I would mix enough perlite so that the soil would pack in my fist but break apart with a single poke with my finger.

This mix is somewhat hot and I really never neaded alot of nutes thruout the entire grow.


----------



## BagSeed (Jun 2, 2008)

I tried a mix of 1/3 peat moss, 1/3 pearlite, and 1/3 worm castings and it didn't drain hardly at all and it felt kinda muddy... Im guessing this is a bad mix? If so which of these ingredients caused the low drainage? I added more pearlite and it didn't help much....


----------



## BagSeed (Jun 2, 2008)

Does anyone know anything that helps loosten up clay? My soil has a lot of clay and it doesn't drain well... Its kinda like putting your soil in a bucket with no holes, even if your soil drains, what it is in doesn't... I have about a 2 cubic foot hole, is this enough to overcome this problem?


----------



## Hick (Jun 3, 2008)

BagSeed said:
			
		

> Does anyone know anything that helps loosten up clay? My soil has a lot of clay and it doesn't drain well... Its kinda like putting your soil in a bucket with no holes, even if your soil drains, what it is in doesn't... I have about a 2 cubic foot hole, is this enough to overcome this problem?


"

"2 cubic foot hole".. is that meant to be 2'x2'x2'? (6cu/ft). THAT will grow a decent plant. 2 cubic foot is rather 'small' IMO, for outdoors. Roots will penetrate the hard pack clay, but it will restrict growth. 
  The larger the hole is that you dig, with proper amendmants, the better your plant will do. Nothing that you put in the dug hole, is going to loosen the clay outside of the hole. You need to dig it up and amend it. 
  I relize their are folks here with disabilities, or limits on the physical labor that they can perform. But IMO, if you're too lazy to dig a hole, you're probably too lazy to grow pot guerilla style.
NO OFFENSE intended..


----------



## gagjababy (Jun 3, 2008)

I use1 pt perlite, 1pt peat moss, 1pt mushroom compost. I add 1 tablespoon of dolomite lime per gallon of mix.

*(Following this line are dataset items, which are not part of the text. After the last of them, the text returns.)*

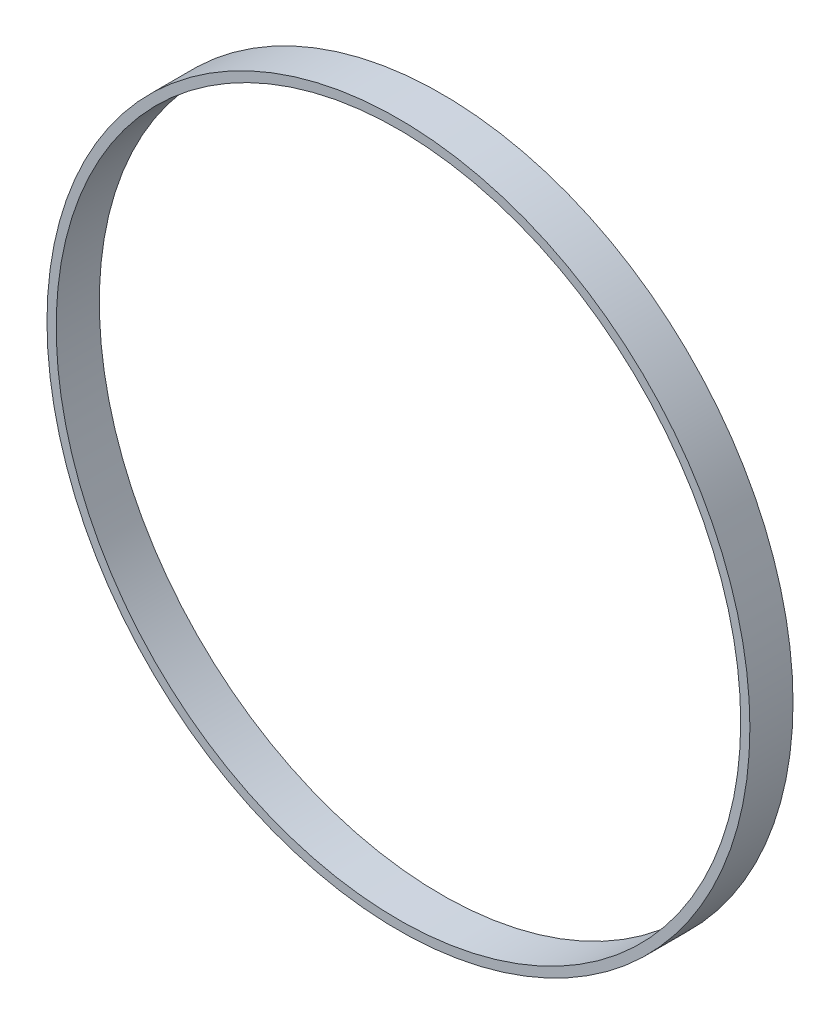
SolidWorks part; units mm, degrees
material "1023 碳钢板 (SS)"
ref_plane "前视基准面" through (0, 0, 0) normal (0, 0, 1) x (1, 0, 0)
ref_plane "上视基准面" through (0, 0, 0) normal (0, 1, 0) x (1, 0, 0)
ref_plane "右视基准面" through (0, 0, 0) normal (1, 0, 0) x (0, 0, -1)
sketch "草图1" plane through (0, 0, 0) normal (0, 0, 1) x (1, 0, 0)
  circle A0 centre (0, 0) radius 122.25
  circle A2 centre (0, 0) radius 119.05
  dimension "D1" = 244.5
  dimension "D2" = 238.1
extrude "凸台-拉伸1" add sketch "草图1" along normal blind 15 contours A0

My mix drains real well, bagseed, I don't know what you're doing wrong...


----------



## BagSeed (Jun 3, 2008)

Hick said:
			
		

> "
> But IMO, if you're too lazy to dig a hole, you're probably too lazy to grow pot guerilla style.
> NO OFFENSE intended..


I would have liked to dig a bigger hole but the ground was so hard i couldnt go any deeper and it was almost 100 degrees outside. I was in pants and long sleeves cause of poison ivy patches i have to go through.... I will make my next one bigger if there is another one.... Im not really looking for massive 10 foot plants, just a decent first time grow... How big should my holes be btw? And when i said 2cf i was just guessing cause my 50lb bag said it filled 2cf and i used a 40lb bag with pearlite, peat moss, and worm castings added in.... I have the same ammount of soil left as filled that one but if i decide to dig a huge hole i can get another 40 lb bag....


----------



## Hick (Jun 3, 2008)

BagSeed said:
			
		

> I would have liked to dig a bigger hole but the ground was so hard i couldnt go any deeper and it was almost 100 degrees outside. I was in pants and long sleeves cause of poison ivy patches i have to go through.... I will make my next one bigger if there is another one.... Im not really looking for massive 10 foot plants, just a decent first time grow... How big should my holes be btw? And when i said 2cf i was just guessing cause my 50lb bag said it filled 2cf and i used a 40lb bag with pearlite, peat moss, and worm castings added in.... I have the same ammount of soil left as filled that one but if i decide to dig a huge hole i can get another 40 lb bag....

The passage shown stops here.